Saturday, September 26, 2009

Miss C's Dictionary

I come up with some cool terms at daycare, so I'll write a few down:

Becoming a noodle: an uncanny ability for children to make all their bones like cooked pasta, consequently falling in a shapeless blob to the floor in an act of utter defiance

Living rigor: when children become as rigid as humanly possible (usually when you pick them up to stick them in the time-out chair)

Toilet Phobia

Corey does not like the toilet. My miracle-working ways have made him comfortable with the urinal, and he regularly pees there, which is AWESOME, but he is terrified of the toilet.

Friday he had to poop. I knew it, he knew it, the American people knew it. Every time I changed his wet pull up there was a little skid, like it was trying like hell to come out and he clamped shut the doors to freedom and told it to get its ass back inside.

The bathroom, take one:

"Corey, do you have to go poopy?"
*Corey nods fevently*
"Do you want to try and go poopy on the potty?"
"NOOOOOOOOOOOOOOOOOOOOOOOO."

After this exciting incident, which resulted in him adamantly refusing to even SIT on the toilet, we just put his pull-up on and decided he would go when he was ready.

He shuffled around with clenched cheeks while he played, uttering "mommy mommy mommy" under his breath. He still wouldn't poop.

Naptime. He fell asleep and the other teacher noticed that someone smelled like poop when it came time to wake up. I hypothesized that Corey's bowels had played a game of "Everybody Out" while he was sleeping.

Nope.

He has sub-conscious sphincter control.

The bathroom, take two.

"Corey, doesn't your tummy hurt?"
*Corey nods*
"Your tummy is telling you that you need to go poopy."
*Corey nods again, points at urinal*
"You can't go poop in there. You have to go on the big potty"
"Nooo."
"Do you want to try and go poopy on the potty?"
"Noooo!"
"If you sit down and try, you'll get a sticker. Would you like a sticker?"
"Yeah!"
*Corey goes to the toilet, pulls down his pants, steps on the stepstool, turns in a circle, and gets back down*
"Corey, you need to sit on the toilet and go poop. Do you need help getting on the potty?"
*Corey nods*
*I pick up Corey and put him on the toilet*
*Corey jumps up like I stuck his ass in glowing embers*
"NOOOOOOOOOOOOOOOO"

So I pulled up his pull-up and told him he could poop in it.

His mom picked him up and we told her he had been holding it for about six hours. She said he does it at home too, because he doesn't like the potty.

I guess that's one diaper I won't worry about changing any time soon.

Will Learns Colorful Language

This happened a few weeks ago. I had taken Will to the bathroom (always a tricky feat - does he really have to go or is he just looking for an escape and a chance to bolt?) and he decided he was going to become a noodle on the steps. When I did get him into the bathroom, he wouldn't pee or even try, so I said we were going back to the classroom.

He stood in the doorway and gave me his patented "I hate you, stupid." (Which comes out "I hatechoo, stoopit").
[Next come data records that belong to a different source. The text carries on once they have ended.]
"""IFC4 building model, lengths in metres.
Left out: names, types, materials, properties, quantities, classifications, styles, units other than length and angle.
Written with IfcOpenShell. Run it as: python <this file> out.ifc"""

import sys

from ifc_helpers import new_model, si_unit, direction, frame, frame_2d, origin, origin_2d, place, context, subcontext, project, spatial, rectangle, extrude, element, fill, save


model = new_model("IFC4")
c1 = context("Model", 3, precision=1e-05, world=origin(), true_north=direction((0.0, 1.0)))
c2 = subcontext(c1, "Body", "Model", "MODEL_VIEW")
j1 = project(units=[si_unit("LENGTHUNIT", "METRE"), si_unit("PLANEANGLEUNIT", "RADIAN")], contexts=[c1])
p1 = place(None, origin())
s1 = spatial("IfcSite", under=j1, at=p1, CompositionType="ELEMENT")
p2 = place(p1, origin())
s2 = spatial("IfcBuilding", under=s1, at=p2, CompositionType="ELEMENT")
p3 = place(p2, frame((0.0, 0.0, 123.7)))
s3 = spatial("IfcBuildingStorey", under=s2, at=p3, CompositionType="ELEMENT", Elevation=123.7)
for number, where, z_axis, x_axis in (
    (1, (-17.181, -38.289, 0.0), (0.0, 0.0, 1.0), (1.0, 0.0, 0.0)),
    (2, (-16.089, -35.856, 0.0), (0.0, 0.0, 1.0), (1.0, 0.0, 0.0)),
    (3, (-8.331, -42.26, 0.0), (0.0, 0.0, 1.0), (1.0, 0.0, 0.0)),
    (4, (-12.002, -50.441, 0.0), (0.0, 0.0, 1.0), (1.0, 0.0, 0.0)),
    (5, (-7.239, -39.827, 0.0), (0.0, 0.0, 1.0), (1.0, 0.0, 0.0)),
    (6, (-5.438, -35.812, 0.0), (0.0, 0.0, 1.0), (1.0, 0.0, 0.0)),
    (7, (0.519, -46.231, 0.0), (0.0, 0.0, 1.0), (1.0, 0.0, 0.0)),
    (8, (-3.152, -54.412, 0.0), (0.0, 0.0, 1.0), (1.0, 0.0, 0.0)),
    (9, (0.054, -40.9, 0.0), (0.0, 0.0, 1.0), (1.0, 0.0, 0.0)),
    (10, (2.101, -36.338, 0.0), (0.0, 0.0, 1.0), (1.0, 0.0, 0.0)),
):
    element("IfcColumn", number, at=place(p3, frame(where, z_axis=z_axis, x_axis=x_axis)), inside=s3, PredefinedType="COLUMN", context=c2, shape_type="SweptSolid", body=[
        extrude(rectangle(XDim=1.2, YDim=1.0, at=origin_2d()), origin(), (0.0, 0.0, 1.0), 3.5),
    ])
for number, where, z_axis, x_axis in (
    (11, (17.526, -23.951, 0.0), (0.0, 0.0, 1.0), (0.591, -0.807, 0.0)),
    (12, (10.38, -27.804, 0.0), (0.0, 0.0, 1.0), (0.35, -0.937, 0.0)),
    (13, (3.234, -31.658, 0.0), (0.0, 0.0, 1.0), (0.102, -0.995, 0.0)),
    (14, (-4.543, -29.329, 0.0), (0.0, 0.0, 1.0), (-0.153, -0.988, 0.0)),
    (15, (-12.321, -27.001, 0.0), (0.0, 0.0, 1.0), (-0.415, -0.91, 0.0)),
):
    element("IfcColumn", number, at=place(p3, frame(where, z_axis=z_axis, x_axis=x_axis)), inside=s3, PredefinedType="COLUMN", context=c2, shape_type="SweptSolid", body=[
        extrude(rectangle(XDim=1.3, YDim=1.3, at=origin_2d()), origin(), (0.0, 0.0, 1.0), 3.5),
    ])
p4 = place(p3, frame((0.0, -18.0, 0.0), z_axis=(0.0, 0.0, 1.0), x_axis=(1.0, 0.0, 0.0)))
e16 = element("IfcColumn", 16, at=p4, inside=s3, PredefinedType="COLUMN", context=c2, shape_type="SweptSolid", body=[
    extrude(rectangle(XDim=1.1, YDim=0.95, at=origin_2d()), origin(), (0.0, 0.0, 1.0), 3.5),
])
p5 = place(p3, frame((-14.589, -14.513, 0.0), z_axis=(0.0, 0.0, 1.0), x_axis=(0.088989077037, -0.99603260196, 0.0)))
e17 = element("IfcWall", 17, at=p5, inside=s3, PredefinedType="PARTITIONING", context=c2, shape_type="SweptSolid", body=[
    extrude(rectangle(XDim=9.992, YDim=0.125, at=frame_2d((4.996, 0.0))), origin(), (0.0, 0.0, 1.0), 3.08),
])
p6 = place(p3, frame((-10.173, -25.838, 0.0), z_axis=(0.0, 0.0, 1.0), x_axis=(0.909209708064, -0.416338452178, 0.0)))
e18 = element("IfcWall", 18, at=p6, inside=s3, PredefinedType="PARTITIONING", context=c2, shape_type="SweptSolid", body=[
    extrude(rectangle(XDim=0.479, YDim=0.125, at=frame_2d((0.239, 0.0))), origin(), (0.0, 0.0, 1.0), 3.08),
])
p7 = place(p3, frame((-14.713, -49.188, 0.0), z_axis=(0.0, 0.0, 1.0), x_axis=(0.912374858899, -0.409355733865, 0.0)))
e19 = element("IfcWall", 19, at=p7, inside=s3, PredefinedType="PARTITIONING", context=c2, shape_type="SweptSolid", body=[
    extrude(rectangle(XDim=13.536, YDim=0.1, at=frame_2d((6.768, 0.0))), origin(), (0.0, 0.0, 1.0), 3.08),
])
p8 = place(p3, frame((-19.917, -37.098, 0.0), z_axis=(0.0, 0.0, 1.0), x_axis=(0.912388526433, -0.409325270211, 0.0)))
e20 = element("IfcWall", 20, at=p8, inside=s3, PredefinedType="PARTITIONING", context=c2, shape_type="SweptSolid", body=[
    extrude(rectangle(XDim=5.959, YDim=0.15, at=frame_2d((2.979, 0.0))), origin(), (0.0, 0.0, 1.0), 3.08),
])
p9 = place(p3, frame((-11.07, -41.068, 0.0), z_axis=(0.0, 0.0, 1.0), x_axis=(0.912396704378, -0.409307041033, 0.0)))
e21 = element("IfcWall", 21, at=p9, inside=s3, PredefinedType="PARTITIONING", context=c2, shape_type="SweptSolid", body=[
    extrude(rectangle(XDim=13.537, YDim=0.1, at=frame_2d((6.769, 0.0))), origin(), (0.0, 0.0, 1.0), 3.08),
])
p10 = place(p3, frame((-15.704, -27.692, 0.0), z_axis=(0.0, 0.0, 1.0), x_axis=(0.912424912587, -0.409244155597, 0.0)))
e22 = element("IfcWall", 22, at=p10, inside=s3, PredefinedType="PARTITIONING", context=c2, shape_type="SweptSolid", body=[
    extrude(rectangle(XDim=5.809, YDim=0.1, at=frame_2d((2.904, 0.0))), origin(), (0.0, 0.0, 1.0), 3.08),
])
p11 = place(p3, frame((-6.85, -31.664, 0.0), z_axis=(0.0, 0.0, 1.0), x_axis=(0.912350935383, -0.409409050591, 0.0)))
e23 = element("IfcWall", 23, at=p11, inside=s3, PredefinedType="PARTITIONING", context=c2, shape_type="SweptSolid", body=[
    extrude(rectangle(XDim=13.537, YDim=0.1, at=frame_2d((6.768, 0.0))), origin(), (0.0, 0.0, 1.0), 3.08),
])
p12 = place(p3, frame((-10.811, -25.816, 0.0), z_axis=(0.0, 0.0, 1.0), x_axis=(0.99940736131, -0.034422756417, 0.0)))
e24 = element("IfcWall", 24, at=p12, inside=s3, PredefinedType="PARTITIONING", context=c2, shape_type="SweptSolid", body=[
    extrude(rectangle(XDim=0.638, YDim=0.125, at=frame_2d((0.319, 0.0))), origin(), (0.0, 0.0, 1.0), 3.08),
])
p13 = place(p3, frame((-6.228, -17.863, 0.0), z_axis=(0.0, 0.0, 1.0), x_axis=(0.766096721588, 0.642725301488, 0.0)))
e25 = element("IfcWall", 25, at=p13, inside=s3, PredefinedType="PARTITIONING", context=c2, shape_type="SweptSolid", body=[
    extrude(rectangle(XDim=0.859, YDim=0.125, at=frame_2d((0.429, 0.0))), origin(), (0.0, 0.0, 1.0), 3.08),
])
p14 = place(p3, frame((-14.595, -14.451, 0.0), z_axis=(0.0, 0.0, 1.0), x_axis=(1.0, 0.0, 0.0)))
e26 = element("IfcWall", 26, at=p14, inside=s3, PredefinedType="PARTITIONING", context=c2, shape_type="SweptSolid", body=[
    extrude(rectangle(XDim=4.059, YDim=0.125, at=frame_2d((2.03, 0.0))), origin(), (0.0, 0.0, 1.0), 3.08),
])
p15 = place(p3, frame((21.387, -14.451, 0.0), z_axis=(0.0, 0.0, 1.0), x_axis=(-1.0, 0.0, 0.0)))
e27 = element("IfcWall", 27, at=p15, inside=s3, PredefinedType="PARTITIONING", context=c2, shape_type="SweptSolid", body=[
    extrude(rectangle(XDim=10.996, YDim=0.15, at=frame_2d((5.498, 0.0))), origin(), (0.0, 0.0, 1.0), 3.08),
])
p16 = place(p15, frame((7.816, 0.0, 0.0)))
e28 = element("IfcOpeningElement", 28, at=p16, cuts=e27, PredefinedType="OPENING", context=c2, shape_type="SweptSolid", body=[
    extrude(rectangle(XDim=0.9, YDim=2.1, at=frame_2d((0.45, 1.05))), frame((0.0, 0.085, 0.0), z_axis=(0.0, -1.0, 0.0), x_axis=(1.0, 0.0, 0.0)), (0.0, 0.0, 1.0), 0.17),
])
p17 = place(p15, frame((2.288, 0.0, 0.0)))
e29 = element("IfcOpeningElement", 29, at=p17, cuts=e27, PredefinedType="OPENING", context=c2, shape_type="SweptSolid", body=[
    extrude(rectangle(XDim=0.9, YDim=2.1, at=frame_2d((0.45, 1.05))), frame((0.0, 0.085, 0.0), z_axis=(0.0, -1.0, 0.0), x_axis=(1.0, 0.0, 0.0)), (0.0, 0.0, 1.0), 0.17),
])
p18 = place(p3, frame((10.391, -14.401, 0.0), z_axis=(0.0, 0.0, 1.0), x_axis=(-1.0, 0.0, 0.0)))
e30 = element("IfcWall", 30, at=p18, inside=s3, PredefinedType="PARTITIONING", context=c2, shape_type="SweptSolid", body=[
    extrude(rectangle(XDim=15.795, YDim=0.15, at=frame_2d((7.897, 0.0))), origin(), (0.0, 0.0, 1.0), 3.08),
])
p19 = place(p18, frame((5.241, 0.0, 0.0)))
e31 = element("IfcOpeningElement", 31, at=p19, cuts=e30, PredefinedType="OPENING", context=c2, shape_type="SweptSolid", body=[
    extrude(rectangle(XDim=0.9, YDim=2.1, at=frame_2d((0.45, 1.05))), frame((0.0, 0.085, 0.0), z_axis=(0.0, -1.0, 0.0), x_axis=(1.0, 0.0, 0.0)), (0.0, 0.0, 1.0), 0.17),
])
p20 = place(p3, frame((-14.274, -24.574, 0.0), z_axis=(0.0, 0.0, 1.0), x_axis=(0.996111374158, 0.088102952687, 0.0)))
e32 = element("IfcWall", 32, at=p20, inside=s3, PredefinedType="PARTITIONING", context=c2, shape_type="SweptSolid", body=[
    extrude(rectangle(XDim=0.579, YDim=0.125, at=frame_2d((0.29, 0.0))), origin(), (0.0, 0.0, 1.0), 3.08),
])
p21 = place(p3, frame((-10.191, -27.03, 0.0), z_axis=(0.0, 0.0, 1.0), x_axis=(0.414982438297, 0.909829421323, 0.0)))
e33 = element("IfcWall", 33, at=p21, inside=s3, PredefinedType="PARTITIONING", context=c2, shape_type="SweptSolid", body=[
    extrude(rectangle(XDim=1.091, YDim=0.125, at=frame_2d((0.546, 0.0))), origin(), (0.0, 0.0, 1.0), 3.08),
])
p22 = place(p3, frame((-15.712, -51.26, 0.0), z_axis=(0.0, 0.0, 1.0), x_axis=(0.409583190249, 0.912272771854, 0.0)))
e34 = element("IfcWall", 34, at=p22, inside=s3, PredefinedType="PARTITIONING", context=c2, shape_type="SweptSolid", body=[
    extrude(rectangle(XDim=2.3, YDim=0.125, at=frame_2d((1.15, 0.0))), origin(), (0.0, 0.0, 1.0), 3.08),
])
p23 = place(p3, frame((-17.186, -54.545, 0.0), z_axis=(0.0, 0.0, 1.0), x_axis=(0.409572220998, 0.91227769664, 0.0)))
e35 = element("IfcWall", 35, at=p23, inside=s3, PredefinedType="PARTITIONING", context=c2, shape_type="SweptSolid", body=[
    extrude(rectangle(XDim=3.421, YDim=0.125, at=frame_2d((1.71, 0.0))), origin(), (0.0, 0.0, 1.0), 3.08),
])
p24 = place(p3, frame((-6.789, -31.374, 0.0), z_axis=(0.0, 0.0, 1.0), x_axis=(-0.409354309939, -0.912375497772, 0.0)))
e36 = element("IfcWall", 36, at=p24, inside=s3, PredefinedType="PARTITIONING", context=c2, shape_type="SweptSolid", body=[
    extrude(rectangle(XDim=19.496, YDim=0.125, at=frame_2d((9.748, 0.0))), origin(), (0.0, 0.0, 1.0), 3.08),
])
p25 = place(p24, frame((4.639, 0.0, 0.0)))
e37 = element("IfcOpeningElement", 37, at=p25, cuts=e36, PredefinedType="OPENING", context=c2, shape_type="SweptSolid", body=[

He said this twice and when I didn't react he flung this little nugget at me: "You fuckin' ass." Ooooh, what was that, little man? As if he had heard this internal double-take, he repeated himself in what I can only imagine was a selfless act to make sure I caught what he had said to me and he had made himself perfectly clear. How charming and thoughtful of him.

I took him back to the classroom so he could tell the other teachers his new words.

Too bad this was before the "If You're Angry And You Know It" song. We could have avoided the whole ordeal had he only known he could take a deep breath or tell a friend instead of saying such ghastly things.

Golden Showers Part Two

I took Dan to the potty on Wednesday. He now will go but prefers to sit to pee rather than stand. Whatever. I figured he had the protocol down but just for safety's sake, I told him to "make sure he pointed his pee-pee into the toilet." He stuck his hand in his crotch and adjusted. Good. I looked away and when I looked back, a yellow river had become dammed and was rising along the banks of his legs.

What does one do when running on holy-shit adrenaline? I pulled his knees apart.

He peed upward in an arc. Somehow I was mercifully missed by his fountain of urine.

I yelled, "STOP STOP STOP!!!" like a three-year old knows how to do kegel exercises. When my futile exclamations did nothing (big surprise) to stop the ever flowing piss-stream, I did what seemed logical...I just stuck his knees back together.

Another river ensued, and when he was FINALLY done, I just had him pull up his pants (with a wet spot, go figure) and we washed our hands and went back to class.

He did it twice the next day; thank God I wasn't there. By Friday he had gotten the whole aiming thing down, but for some reason he'll stand there and slap himself in the genitals a couple times before I can stop him and make him just point and click.

Wednesday, September 9, 2009

Some more new kids on the block

In addition to Corey, Dan, and Laurel...we now have Billie and Gloria. I haven't met Gloria yet but Billie is a cute girl who wears a lot of pink, is pretty well potty trained, and flips her shit when she gets dropped off. We have a cryer, ladies and gentlemen.

I'm down to working two days a week so I miss out on a lot of the fun going on with all my crazy kids.

JoAnn, Katherine, and Molly have all moved up to preschool with Bailey, and I see them in the halls sometime but I'm so busy carting mine around that I can't spend much time other than to say hello. Sad.

If you're angry and you know it...

We have a booked called "If you're angry and you know it," and we sing the song mainly for Will, who gets pissed at everything and throws stuff if you cease giving him attention (come on everybody, big sigh: *home problems*). The first time we sang it he sat there with his arms crossed in a chair...he knew. He knew the song was his song.

But Danielle likes it too! Daily, she wants to sing the song. She likes to act it out (stomp your feet, bang a drum, walk away, take deep breaths, tell a friend), and last week I came in at 7:30am and took the two kids who were there (Corey and Danielle) to our classroom.

Danielle promptly said, "I'm angry."

I asked, "Why?"

She replied, "I'm angry and I know it!"

I laughed. She played. It makes a lovely story.